JMJD1C is a H3K9 demethylase, (also named TRIP8 or KDM3C), which has been shown to keep the balance of histone methylation status through interaction with histone methyltransferases and WHISTLE for transcriptional regulation. JMJD1C, directly interacts with the regulatory circuitry formed by OCT4, miR-302, and NR2F2 controls. JMJD1C is a part of the regulatory circuit that prevents human embryonic stem cells (hESCs) from neural differentiation by demethylating H3K9 at the locus of a pluripotency-associated microRNA, the miR-302/367 gene cluster. Some reports show that hESCs with stable knockdown of JMJD1C remain pluripotent while having reduced miR-302 expression, decreased BMP signaling, and enhanced TGF signaling. JMJD1C was reported to bind to the miR-302 promoter and reduces H3K9 methylation. Expression of a histone demethylase, JMJD1C is highly correlated to the pluripotent state. JMJD1C is highly expressed in hESCs and declines during hESC differentiation in response to either activation of BMP signaling or inhibition of TGF and/or FGF signaling. Furthermore, the JMJD1C promoter contains a putative OCT-binding site, suggesting that JMJD1C may play a role in the regulatory circuit of pluripotency as a downstream target gene of OCT4. Therefore, JMJD1C also represses neural differentiation by modulating TGF and BMP signaling.

Jmjd1C is one of the Jmjd1 family genes that encode putative demethylases against histone H3K9 and non-histone proteins and has been proven to play an important role in mouse spermatogenesis. Jmjd1C gene-trap homozygous testes exhibited malformations in post meiotic processes and a deficiency in the long-term maintenance of undifferentiated spermatogonia. JMJD1C may participate in the maintenance of spermatogonial stem cell self-renewal by up-regulating Oct4 expression. JMJD1C contributed to the long-term maintenance of male germ cells. JMJD1C has multiple functions during spermatogenesis through interactions with different partners during the spermatogenic stages. JMJD1C is unlikely to have a direct effect on the transcriptional regulation of these germ cell-specific genes. Jmjd1C has an indirect function in the regulation of histone H4K16 hyper-acetylation that leads to histone-protamine remodeling during sperm formation, although the action mechanism remains undefined. Oct4 expression under the control of JMJD1C is closely related to the maintenance of SSC self-renewal and/or survival similar to the pluripotency of ES cells. Therefore, Jmjd1C had multiple functions in chromatin remodeling during spermiogenesis and the maintenance of spermatogonial stem cells that were accompanied by multiple partner proteins.

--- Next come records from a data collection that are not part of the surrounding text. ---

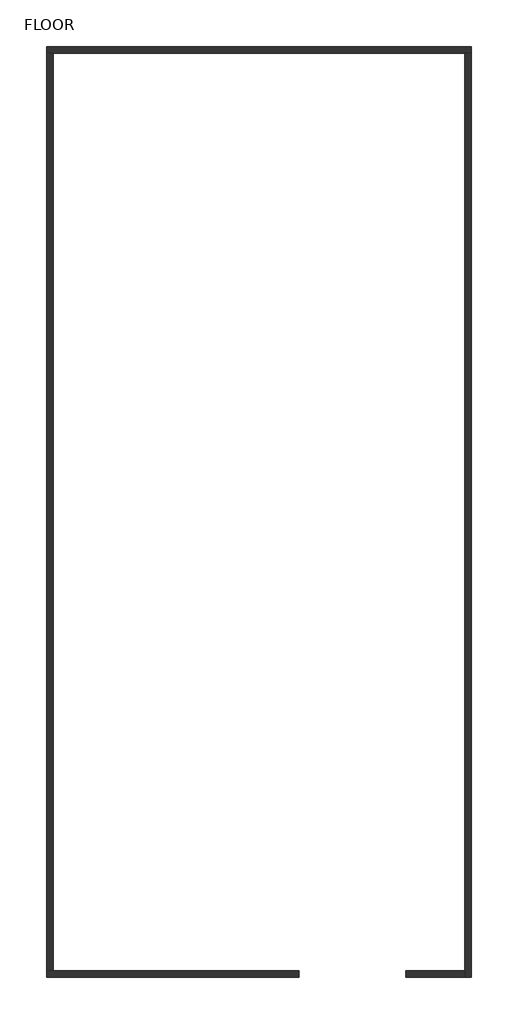
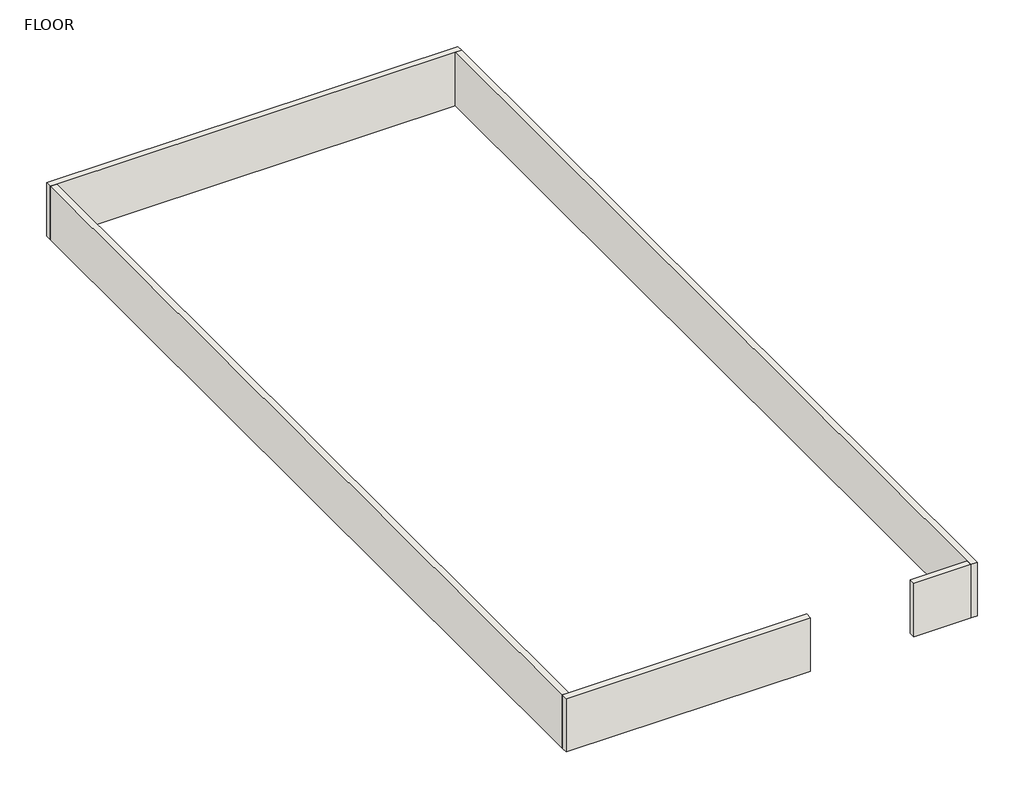
# One storey: 5 walls.
"""IFC4 building model written with IfcOpenShell, lengths in millimetres."""

from ifc_helpers import new_model, si_unit, frame, origin, place, context, project, spatial, polyline, outline, extrude, faceted_brep, element, save

model = new_model("IFC4")

# Units and contexts
model_context = context("Model", 3, world=origin())
ifc_project = project(units=[si_unit("LENGTHUNIT", "METRE", prefix="MILLI")], contexts=[model_context])

# Site, building, storey
site = spatial("IfcSite", under=ifc_project)
building = spatial("IfcBuilding", under=site)
storey = spatial("IfcBuildingStorey", under=building, Name="FLOOR", Elevation=-152.4)

# Walls
placement = place(None, origin())
element("IfcWall", 1, ObjectType="Generic - 140mm Masonry", at=placement, inside=storey, context=model_context, shape_type="Brep", body=[
    faceted_brep([(-6353.4317552, 8894.2726811, -152.4), (-6213.4317552, 8894.2726811, -152.4), (2380.1682448, 8894.2726811, -152.4), (2520.1682448, 8894.2726811, -152.4), (2520.1682448, 8894.2726811, 1066.8), (2380.1682448, 8894.2726811, 1066.8), (-6213.4317552, 8894.2726811, 1066.8), (-6353.4317552, 8894.2726811, 1066.8), (-6353.4317552, 9034.2726811, -152.4), (-6353.4317552, 9034.2726811, 1066.8), (2520.1682448, 9034.2726811, 1066.8), (2520.1682448, 9034.2726811, -152.4)], [[[0, 1, 2, 3, 4, 5, 6, 7]], [[8, 9, 10, 11]], [[3, 2, 1, 0, 8, 11]], [[7, 6, 5, 4, 10, 9]], [[0, 7, 9, 8]], [[4, 3, 11, 10]]]),
])
element("IfcWall", 2, ObjectType="Generic - 140mm Masonry", at=placement, inside=storey, context=model_context, shape_type="SweptSolid", body=[
    extrude(outline(polyline([(-6213.4317552, 8894.2726811), (-6213.4317552, -10249.3361723), (-6353.4317552, -10249.3361723), (-6353.4317552, 8894.2726811), (-6213.4317552, 8894.2726811)])), frame((0.0, 0.0, -152.4), z_axis=(0.0, 0.0, 1.0), x_axis=(1.0, 0.0, 0.0)), (0.0, 0.0, 1.0), 1219.2),
])
element("IfcWall", 3, ObjectType="Generic - 140mm Masonry", at=placement, inside=storey, context=model_context, shape_type="Brep", body=[
    faceted_brep([(2380.1682448, 8894.2726811, -152.4), (2380.1682448, -10249.3361723, -152.4), (2380.1682448, -10389.3361723, -152.4), (2380.1682448, -10389.3361723, 1066.8), (2380.1682448, -10249.3361723, 1066.8), (2380.1682448, 8894.2726811, 1066.8), (2520.1682448, 8894.2726811, -152.4), (2520.1682448, 8894.2726811, 1066.8), (2520.1682448, -10389.3361723, 1066.8), (2520.1682448, -10389.3361723, -152.4)], [[[0, 1, 2, 3, 4, 5]], [[6, 7, 8, 9]], [[2, 1, 0, 6, 9]], [[5, 4, 3, 8, 7]], [[3, 2, 9, 8]], [[0, 5, 7, 6]]]),
])
element("IfcWall", 4, ObjectType="Generic - 140mm Masonry", at=placement, inside=storey, context=model_context, shape_type="SweptSolid", body=[
    extrude(outline(polyline([(1150.1682448, -10249.3361723), (2380.1682448, -10249.3361723), (2380.1682448, -10389.3361723), (1150.1682448, -10389.3361723), (1150.1682448, -10249.3361723)])), frame((0.0, 0.0, -152.4), z_axis=(0.0, 0.0, 1.0), x_axis=(1.0, 0.0, 0.0)), (0.0, 0.0, 1.0), 1219.2),
])
element("IfcWall", 5, ObjectType="Generic - 140mm Masonry", at=placement, inside=storey, context=model_context, shape_type="Brep", body=[
    faceted_brep([(-6353.4317552, -10249.3361723, 1066.8), (-6213.4317552, -10249.3361723, 1066.8), (-1083.4317552, -10249.3361723, 1066.8), (-1083.4317552, -10249.3361723, -152.4), (-6213.4317552, -10249.3361723, -152.4), (-6353.4317552, -10249.3361723, -152.4), (-6353.4317552, -10389.3361723, 1066.8), (-6353.4317552, -10389.3361723, -152.4), (-1083.4317552, -10389.3361723, -152.4), (-1083.4317552, -10389.3361723, 1066.8)], [[[0, 1, 2, 3, 4, 5]], [[6, 7, 8, 9]], [[2, 1, 0, 6, 9]], [[5, 4, 3, 8, 7]], [[3, 2, 9, 8]], [[0, 5, 7, 6]]]),
])

save(model, "model.ifc")

# Revit data of these elements
# Type "Generic - 140mm Masonry"
#   Layers, outside or top first: 140 mm "Concrete Masonry Units" (function 1)
# Elements 1, 2, 3, 4, 5 (IfcWall, "Generic - 140mm Masonry")
#   Top Offset = 0 mm
#   Base Offset = 0 mm
#   Unconnected Height = 1219.2 mm
#   wall height = 1219.2 mm
#   Phase Created = New Construction
#   Base Constraint = FLOOR
#   Materials on its faces: "Concrete Masonry Units"
# Materials
#   "Concrete Masonry Units": class "Masonry", colour RGB 181 181 181, transparency 0, Description = "Concrete masonry units", Cost = 0

Depletion of Jmjd1c impairs growth and colony formation of mouse MLL-AF9 cells in vitro, as well as establishment of leukemia after transplantation. Depletion of JMJD1C impairs expansion and colony formation of human leukemic cell lines, with the strongest effect observed in the MLL-rearranged ALL cell line, SEM. In both mouse and human leukemic cells, the growth defect upon JMJD1C depletion appears to be primarily due to increased apoptosis, which implicates JMJD1C as a potential therapeutic target in leukemia. Leukemic cells are more sensitive to Jmjd1c depletion than normal BM cells. Mouse LSK cells exhibit only mild phenotype after Jmjd1c knock-down. Jmjd1c depletion does not have a major impact on hematopoietic progenitors, at Jmjd1c knock-down efficiency similar to MLL-AF9 transformed hematopoietic cells. JMJD1C protein is widely expressed in brain regions and that its depletion compromises dendritic activity.

References:

Ryusuke N, et al. JMJD1C Exhibits Multiple Functions in Epigenetic Regulation during Spermatogenesis. Plos One, 2016, 11(9):e0163466.
Sáez M A, et al. Mutations in JMJD1C are involved in Rett syndrome and intellectual disability. Genetics in Medicine, 2016, 18(4):378-385.
Sroczynska P, et al. shRNA screening identifies JMJD1C as being required for leukemia maintenance.[J]. Blood, 2014, 123(12):1870-82.
Wang J, et al. Epigenetic Regulation of miR-302 by JMJD1C Inhibits Neural Differentiation of Human Embryonic Stem Cells. Journal of Biological Chemistry, 2014, 289(4):2384-95.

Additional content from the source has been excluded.